CULTURE ISN’T A CLUB, IT’S A COLLECTION OF EVERYDAY BEHAVIOURS

I was at the Festival of Work recently, listening to a talk on building ‘cultures for performance.’ I found myself nodding along. But at the same time, a small thought kept nagging at me – what if we’ve got it slightly the wrong way round?

In our work at Interaction, we spend a lot of time inside organisations listening, facilitating, coaching and something comes up again and again. We’ll sit in a training room with people from the same organisation hearing different versions of what the culture feels like. One person describes openness, challenge and feedback yet another talks about hesitation, uncertainty and things unspoken. Same organisation and same values but different teams, different managers and different day-to-day realities.

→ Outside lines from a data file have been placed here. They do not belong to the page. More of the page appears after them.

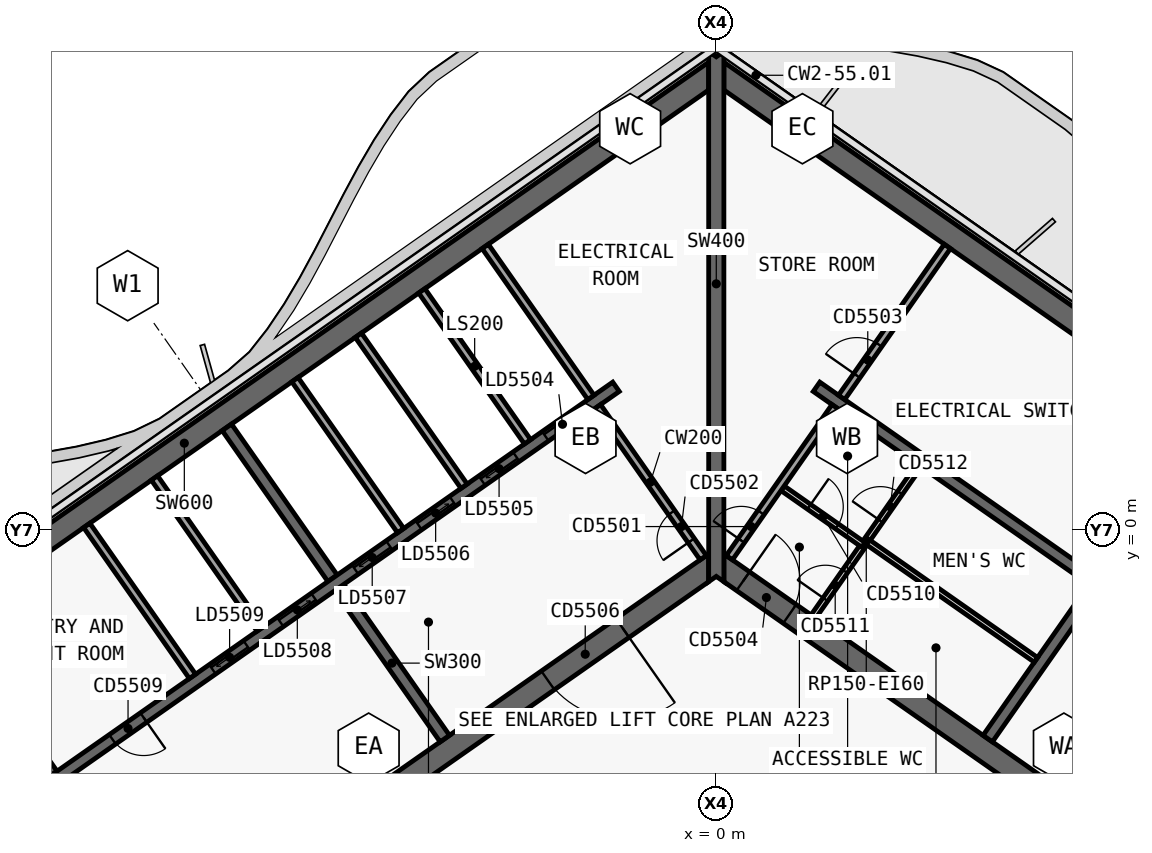
"""IFC4 building model, lengths in metres.
Left out: names, types, materials, properties, quantities, classifications, styles, units other than length and angle.
Written with IfcOpenShell. Run it as: python <this file> out.ifc"""

import sys

from ifc_helpers import new_model, si_unit, direction, frame, frame_2d, origin, place, context, subcontext, project, spatial, polyline, rectangle, outline, extrude, element, fill, save


model = new_model("IFC4")
c1 = context("Model", 3, precision=1e-05, world=origin(), true_north=direction((0.0, 1.0)))
c2 = subcontext(c1, "Body", "Model", "MODEL_VIEW")
j1 = project(units=[si_unit("LENGTHUNIT", "METRE"), si_unit("PLANEANGLEUNIT", "RADIAN")], contexts=[c1])
p1 = place(None, origin())
s1 = spatial("IfcSite", under=j1, at=p1, CompositionType="ELEMENT")
p2 = place(p1, origin())
s2 = spatial("IfcBuilding", under=s1, at=p2, CompositionType="ELEMENT")
p3 = place(p2, frame((0.0, 0.0, 307.3)))
s3 = spatial("IfcBuildingStorey", under=s2, at=p3, CompositionType="ELEMENT", Elevation=307.3)
p4 = place(p3, frame((-0.028, 12.066, 0.0), z_axis=(0.0, 0.0, 1.0), x_axis=(-0.819151382952, -0.573577380837, 0.0)))
e1 = element("IfcWall", 1, at=p4, inside=s3, PredefinedType="SHEAR", context=c2, shape_type="SweptSolid", body=[
    extrude(outline(polyline([(33.898, 0.3), (0.42, 0.3), (0.0, -0.3), (33.898, -0.3), (33.898, 0.3)])), origin(), (0.0, 0.0, 1.0), 6.0),
])
p5 = place(p3, frame((-0.028, -0.874, 0.0), z_axis=(0.0, 0.0, 1.0), x_axis=(-0.819150035022, -0.573579305871, 0.0)))
e2 = element("IfcWall", 2, at=p5, inside=s3, PredefinedType="SHEAR", context=c2, shape_type="SweptSolid", body=[
    extrude(outline(polyline([(26.476, 0.3), (0.42, 0.3), (0.0, -0.3), (26.476, -0.3), (26.476, 0.3)])), origin(), (0.0, 0.0, 1.0), 6.0),
])
p6 = place(p5, frame((2.976, 0.0, 0.0)))
e3 = element("IfcOpeningElement", 3, at=p6, cuts=e2, PredefinedType="OPENING", context=c2, shape_type="SweptSolid", body=[
    extrude(rectangle(XDim=2.4, YDim=2.1, at=frame_2d((1.2, 1.05))), frame((0.0, 0.31, 0.0), z_axis=(0.0, -1.0, 0.0), x_axis=(1.0, 0.0, 0.0)), (0.0, 0.0, 1.0), 0.62),
])
p7 = place(p5, frame((11.776, 0.0, 0.0)))
e4 = element("IfcOpeningElement", 4, at=p7, cuts=e2, PredefinedType="OPENING", context=c2, shape_type="SweptSolid", body=[
    extrude(rectangle(XDim=2.4, YDim=2.1, at=frame_2d((1.2, 1.05))), frame((0.0, 0.31, 0.0), z_axis=(0.0, -1.0, 0.0), x_axis=(1.0, 0.0, 0.0)), (0.0, 0.0, 1.0), 0.62),
])
p8 = place(p3, frame((-7.143, -5.49, 0.0), z_axis=(0.0, 0.0, 1.0), x_axis=(-0.573617744349, 0.819123118565, 0.0)))
e5 = element("IfcWall", 5, at=p8, inside=s3, PredefinedType="SHEAR", context=c2, shape_type="SweptSolid", body=[
    extrude(outline(polyline([(4.85, 0.15), (0.0, 0.15), (0.0, -0.15), (4.85, -0.15), (4.85, 0.15)])), origin(), (0.0, 0.0, 1.0), 6.0),
])
p9 = place(p3, frame((-10.097, -1.271, 0.0), z_axis=(0.0, 0.0, 1.0), x_axis=(-0.573560315113, 0.819163332265, 0.0)))
e6 = element("IfcWall", 6, at=p9, inside=s3, PredefinedType="SHEAR", context=c2, shape_type="SweptSolid", body=[
    extrude(outline(polyline([(4.85, -0.15), (4.85, 0.15), (0.0, 0.15), (0.0, -0.15), (4.85, -0.15)])), origin(), (0.0, 0.0, 1.0), 6.0),
])
p10 = place(p3, frame((-17.469, -6.433, 0.0), z_axis=(0.0, 0.0, 1.0), x_axis=(-0.573594092424, 0.81913968109, 0.0)))
e7 = element("IfcWall", 7, at=p10, inside=s3, PredefinedType="SHEAR", context=c2, shape_type="SweptSolid", body=[
    extrude(outline(polyline([(4.85, -0.15), (4.85, 0.15), (0.0, 0.15), (0.0, -0.15), (4.85, -0.15)])), origin(), (0.0, 0.0, 1.0), 6.0),
])
p11 = place(p3, frame((-2.638, 3.768, 0.0), z_axis=(0.0, 0.0, 1.0), x_axis=(-0.819155014212, -0.573572194837, 0.0)))
e8 = element("IfcWall", 8, at=p11, inside=s3, PredefinedType="SHEAR", context=c2, shape_type="SweptSolid", body=[
    extrude(outline(polyline([(26.4, 0.15), (0.0, 0.15), (0.0, -0.15), (26.4, -0.15), (26.4, 0.15)])), origin(), (0.0, 0.0, 1.0), 6.0),
])
p12 = place(p11, frame((1.169, 0.0, 0.0)))
e9 = element("IfcOpeningElement", 9, at=p12, cuts=e8, PredefinedType="OPENING", context=c2, shape_type="SweptSolid", body=[
    extrude(rectangle(XDim=1.1, YDim=2.1, at=frame_2d((0.55, 1.05))), frame((0.0, 0.16, 0.0), z_axis=(0.0, -1.0, 0.0), x_axis=(1.0, 0.0, 0.0)), (0.0, 0.0, 1.0), 0.32),
])
p13 = place(p11, frame((3.206, 0.0, 0.0)))
e10 = element("IfcOpeningElement", 10, at=p13, cuts=e8, PredefinedType="OPENING", context=c2, shape_type="SweptSolid", body=[
    extrude(rectangle(XDim=1.1, YDim=2.1, at=frame_2d((0.55, 1.05))), frame((0.0, 0.16, 0.0), z_axis=(0.0, -1.0, 0.0), x_axis=(1.0, 0.0, 0.0)), (0.0, 0.0, 1.0), 0.32),
])
p14 = place(p11, frame((5.244, 0.0, 0.0)))
e11 = element("IfcOpeningElement", 11, at=p14, cuts=e8, PredefinedType="OPENING", context=c2, shape_type="SweptSolid", body=[
    extrude(rectangle(XDim=1.1, YDim=2.1, at=frame_2d((0.55, 1.05))), frame((0.0, 0.16, 0.0), z_axis=(0.0, -1.0, 0.0), x_axis=(1.0, 0.0, 0.0)), (0.0, 0.0, 1.0), 0.32),
])
p15 = place(p11, frame((7.281, 0.0, 0.0)))
e12 = element("IfcOpeningElement", 12, at=p15, cuts=e8, PredefinedType="OPENING", context=c2, shape_type="SweptSolid", body=[
    extrude(rectangle(XDim=1.1, YDim=2.1, at=frame_2d((0.55, 1.05))), frame((0.0, 0.16, 0.0), z_axis=(0.0, -1.0, 0.0), x_axis=(1.0, 0.0, 0.0)), (0.0, 0.0, 1.0), 0.32),
])
p16 = place(p11, frame((9.688, 0.0, 0.0)))
e13 = element("IfcOpeningElement", 13, at=p16, cuts=e8, PredefinedType="OPENING", context=c2, shape_type="SweptSolid", body=[
    extrude(rectangle(XDim=1.1, YDim=2.1, at=frame_2d((0.55, 1.05))), frame((0.0, 0.16, 0.0), z_axis=(0.0, -1.0, 0.0), x_axis=(1.0, 0.0, 0.0)), (0.0, 0.0, 1.0), 0.32),
])
p17 = place(p11, frame((11.863, 0.0, 0.0)))
e14 = element("IfcOpeningElement", 14, at=p17, cuts=e8, PredefinedType="OPENING", context=c2, shape_type="SweptSolid", body=[
    extrude(rectangle(XDim=1.1, YDim=2.1, at=frame_2d((0.55, 1.05))), frame((0.0, 0.16, 0.0), z_axis=(0.0, -1.0, 0.0), x_axis=(1.0, 0.0, 0.0)), (0.0, 0.0, 1.0), 0.32),
])
p18 = place(p11, frame((15.175, 0.0, 0.0)))
e15 = element("IfcOpeningElement", 15, at=p18, cuts=e8, PredefinedType="OPENING", context=c2, shape_type="SweptSolid", body=[
    extrude(rectangle(XDim=1.0, YDim=2.1, at=frame_2d((0.5, 1.05))), frame((0.0, 0.16, 0.0), z_axis=(0.0, -1.0, 0.0), x_axis=(1.0, 0.0, 0.0)), (0.0, 0.0, 1.0), 0.32),
])
p19 = place(p3, frame((0.028, 12.066, 0.0), z_axis=(0.0, 0.0, 1.0), x_axis=(0.819151382952, -0.573577380837, 0.0)))
e16 = element("IfcWall", 16, at=p19, inside=s3, PredefinedType="SHEAR", context=c2, shape_type="SweptSolid", body=[
    extrude(outline(polyline([(33.898, 0.3), (0.0, 0.3), (0.42, -0.3), (33.898, -0.3), (33.898, 0.3)])), origin(), (0.0, 0.0, 1.0), 6.0),
])
p20 = place(p3, frame((0.028, -0.874, 0.0), z_axis=(0.0, 0.0, 1.0), x_axis=(0.819150035022, -0.573579305871, 0.0)))
e17 = element("IfcWall", 17, at=p20, inside=s3, PredefinedType="SHEAR", context=c2, shape_type="SweptSolid", body=[
    extrude(outline(polyline([(26.476, 0.3), (0.0, 0.3), (0.42, -0.3), (26.476, -0.3), (26.476, 0.3)])), origin(), (0.0, 0.0, 1.0), 6.0),
])
p21 = place(p20, frame((0.826, 0.0, 0.0)))
e18 = element("IfcOpeningElement", 18, at=p21, cuts=e17, PredefinedType="OPENING", context=c2, shape_type="SweptSolid", body=[
    extrude(rectangle(XDim=1.5, YDim=2.1, at=frame_2d((0.75, 1.05))), frame((0.0, 0.31, 0.0), z_axis=(0.0, -1.0, 0.0), x_axis=(1.0, 0.0, 0.0)), (0.0, 0.0, 1.0), 0.62),
])
p22 = place(p20, frame((12.226, 0.0, 0.0)))
e19 = element("IfcOpeningElement", 19, at=p22, cuts=e17, PredefinedType="OPENING", context=c2, shape_type="SweptSolid", body=[
    extrude(rectangle(XDim=1.5, YDim=2.1, at=frame_2d((0.75, 1.05))), frame((0.0, 0.31, 0.0), z_axis=(0.0, -1.0, 0.0), x_axis=(1.0, 0.0, 0.0)), (0.0, 0.0, 1.0), 0.62),
])
p23 = place(p3, frame((7.143, -5.49, 0.0), z_axis=(0.0, 0.0, 1.0), x_axis=(0.573617744349, 0.819123118565, 0.0)))
e20 = element("IfcWall", 20, at=p23, inside=s3, PredefinedType="SHEAR", context=c2, shape_type="SweptSolid", body=[
    extrude(outline(polyline([(0.0, 0.15), (0.0, -0.15), (4.85, -0.15), (4.85, 0.15), (0.0, 0.15)])), origin(), (0.0, 0.0, 1.0), 6.0),
])
p24 = place(p3, frame((2.638, 3.768, 0.0), z_axis=(0.0, 0.0, 1.0), x_axis=(0.819155014212, -0.573572194837, 0.0)))
e21 = element("IfcWall", 21, at=p24, inside=s3, PredefinedType="SHEAR", context=c2, shape_type="SweptSolid", body=[
    extrude(outline(polyline([(0.0, 0.15), (0.0, -0.15), (26.4, -0.15), (26.4, 0.15), (0.0, 0.15)])), origin(), (0.0, 0.0, 1.0), 6.0),
])
p25 = place(p24, frame((9.637, 0.0, 0.0)))
e22 = element("IfcOpeningElement", 22, at=p25, cuts=e21, PredefinedType="OPENING", context=c2, shape_type="SweptSolid", body=[
    extrude(rectangle(XDim=1.2, YDim=2.1, at=frame_2d((0.6, 1.05))), frame((0.0, 0.16, 0.0), z_axis=(0.0, -1.0, 0.0), x_axis=(1.0, 0.0, 0.0)), (0.0, 0.0, 1.0), 0.32),
])
p26 = place(p24, frame((11.812, 0.0, 0.0)))
e23 = element("IfcOpeningElement", 23, at=p26, cuts=e21, PredefinedType="OPENING", context=c2, shape_type="SweptSolid", body=[
    extrude(rectangle(XDim=1.2, YDim=2.1, at=frame_2d((0.6, 1.05))), frame((0.0, 0.16, 0.0), z_axis=(0.0, -1.0, 0.0), x_axis=(1.0, 0.0, 0.0)), (0.0, 0.0, 1.0), 0.32),
])
p27 = place(p24, frame((13.988, 0.0, 0.0)))
e24 = element("IfcOpeningElement", 24, at=p27, cuts=e21, PredefinedType="OPENING", context=c2, shape_type="SweptSolid", body=[
    extrude(rectangle(XDim=1.2, YDim=2.1, at=frame_2d((0.6, 1.05))), frame((0.0, 0.16, 0.0), z_axis=(0.0, -1.0, 0.0), x_axis=(1.0, 0.0, 0.0)), (0.0, 0.0, 1.0), 0.32),
])
p28 = place(p24, frame((16.262, 0.0, 0.0)))
e25 = element("IfcOpeningElement", 25, at=p28, cuts=e21, PredefinedType="OPENING", context=c2, shape_type="SweptSolid", body=[
    extrude(rectangle(XDim=1.0, YDim=2.1, at=frame_2d((0.5, 1.05))), frame((0.0, 0.16, 0.0), z_axis=(0.0, -1.0, 0.0), x_axis=(1.0, 0.0, 0.0)), (0.0, 0.0, 1.0), 0.32),
])
p29 = place(p3, frame((0.0, -1.361, 0.0), z_axis=(0.0, 0.0, 1.0), x_axis=(0.0, 1.0, 0.0)))
e26 = element("IfcWall", 26, at=p29, inside=s3, PredefinedType="SHEAR", context=c2, shape_type="SweptSolid", body=[
    extrude(outline(polyline([(0.14, 0.2), (0.0, 0.2), (0.14, 0.0), (0.0, -0.2), (0.14, -0.2), (1.012, -0.2), (12.94, -0.2), (13.813, -0.2), (13.893, -0.2), (13.933, -0.172), (13.813, 0.0), (13.933, 0.172), (13.893, 0.2), (13.813, 0.2), (12.94, 0.2), (1.012, 0.2), (0.14, 0.2)])), origin(), (0.0, 0.0, 1.0), 6.0),
])
p30 = place(p3, frame((-4.967, 2.321, 0.0), z_axis=(0.0, 0.0, 1.0), x_axis=(-0.573594092424, 0.81913968109, 0.0)))
e27 = element("IfcWall", 27, at=p30, inside=s3, PredefinedType="SOLIDWALL", context=c2, shape_type="SweptSolid", body=[
    extrude(rectangle(XDim=4.85, YDim=0.2, at=frame_2d((2.425, 0.0))), origin(), (0.0, 0.0, 1.0), 6.0),
])
p31 = place(p3, frame((-6.636, 1.152, 0.0), z_axis=(0.0, 0.0, 1.0), x_axis=(-0.573560315113, 0.819163332265, 0.0)))
e28 = element("IfcWall", 28, at=p31, inside=s3, PredefinedType="SOLIDWALL", context=c2, shape_type="SweptSolid", body=[
    extrude(rectangle(XDim=4.85, YDim=0.2, at=frame_2d((2.425, 0.0))), origin(), (0.0, 0.0, 1.0), 6.0),
])
p32 = place(p3, frame((-8.305, -0.017, 0.0), z_axis=(0.0, 0.0, 1.0), x_axis=(-0.573594092424, 0.81913968109, 0.0)))
e29 = element("IfcWall", 29, at=p32, inside=s3, PredefinedType="SOLIDWALL", context=c2, shape_type="SweptSolid", body=[
    extrude(rectangle(XDim=4.85, YDim=0.2, at=frame_2d((2.425, 0.0))), origin(), (0.0, 0.0, 1.0), 6.0),
])
p33 = place(p3, frame((-12.001, -2.605, 0.0), z_axis=(0.0, 0.0, 1.0), x_axis=(-0.573560315113, 0.819163332265, 0.0)))
e30 = element("IfcWall", 30, at=p33, inside=s3, PredefinedType="SOLIDWALL", context=c2, shape_type="SweptSolid", body=[
    extrude(rectangle(XDim=4.85, YDim=0.2, at=frame_2d((2.425, 0.0))), origin(), (0.0, 0.0, 1.0), 6.0),
])
p34 = place(p3, frame((-13.783, -3.852, 0.0), z_axis=(0.0, 0.0, 1.0), x_axis=(-0.573594092424, 0.81913968109, 0.0)))
e31 = element("IfcWall", 31, at=p34, inside=s3, PredefinedType="SOLIDWALL", context=c2, shape_type="SweptSolid", body=[
    extrude(rectangle(XDim=4.85, YDim=0.2, at=frame_2d((2.425, 0.0))), origin(), (0.0, 0.0, 1.0), 6.0),
])
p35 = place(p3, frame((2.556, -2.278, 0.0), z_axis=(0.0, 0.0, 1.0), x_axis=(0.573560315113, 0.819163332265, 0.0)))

It’s a useful reminder that culture isn’t a single entity, it lives and manifests in smaller pockets, in teams, in relationship, in the way a meeting is run, in how conversations are had and how people are managed. As Amy Edmonson’s work has shown, those micro-cultures are what people actually perform within day to day.

That’s why, listening to the idea of building ‘for performance’ I kept coming back to something simpler. In our experience, performance is rarely the thing you build directly. It’s what happens when people feel able to contribute. In other words when there’s trust, when it’s safe to challenge, when people know they’ll be heard. If we get that right, performance tends to take care of itself.

It’s something that I keep coming back to. The question is not ‘Are we building for performance?’ but ‘What does it actually feel like to be here?’

In my view, people don’t experience culture in the abstract; they experience it in the small, everyday moments. The good news is that those moments are shaped by behaviours we can notice, practise and develop.

So, in these same situations when we are inside organisations listening, facilitating, coaching, a big part of what we do is help people develop the behaviours that matter most. Importantly these are typically the behaviours that change the answer to ‘what does it actually feel like to be here?’.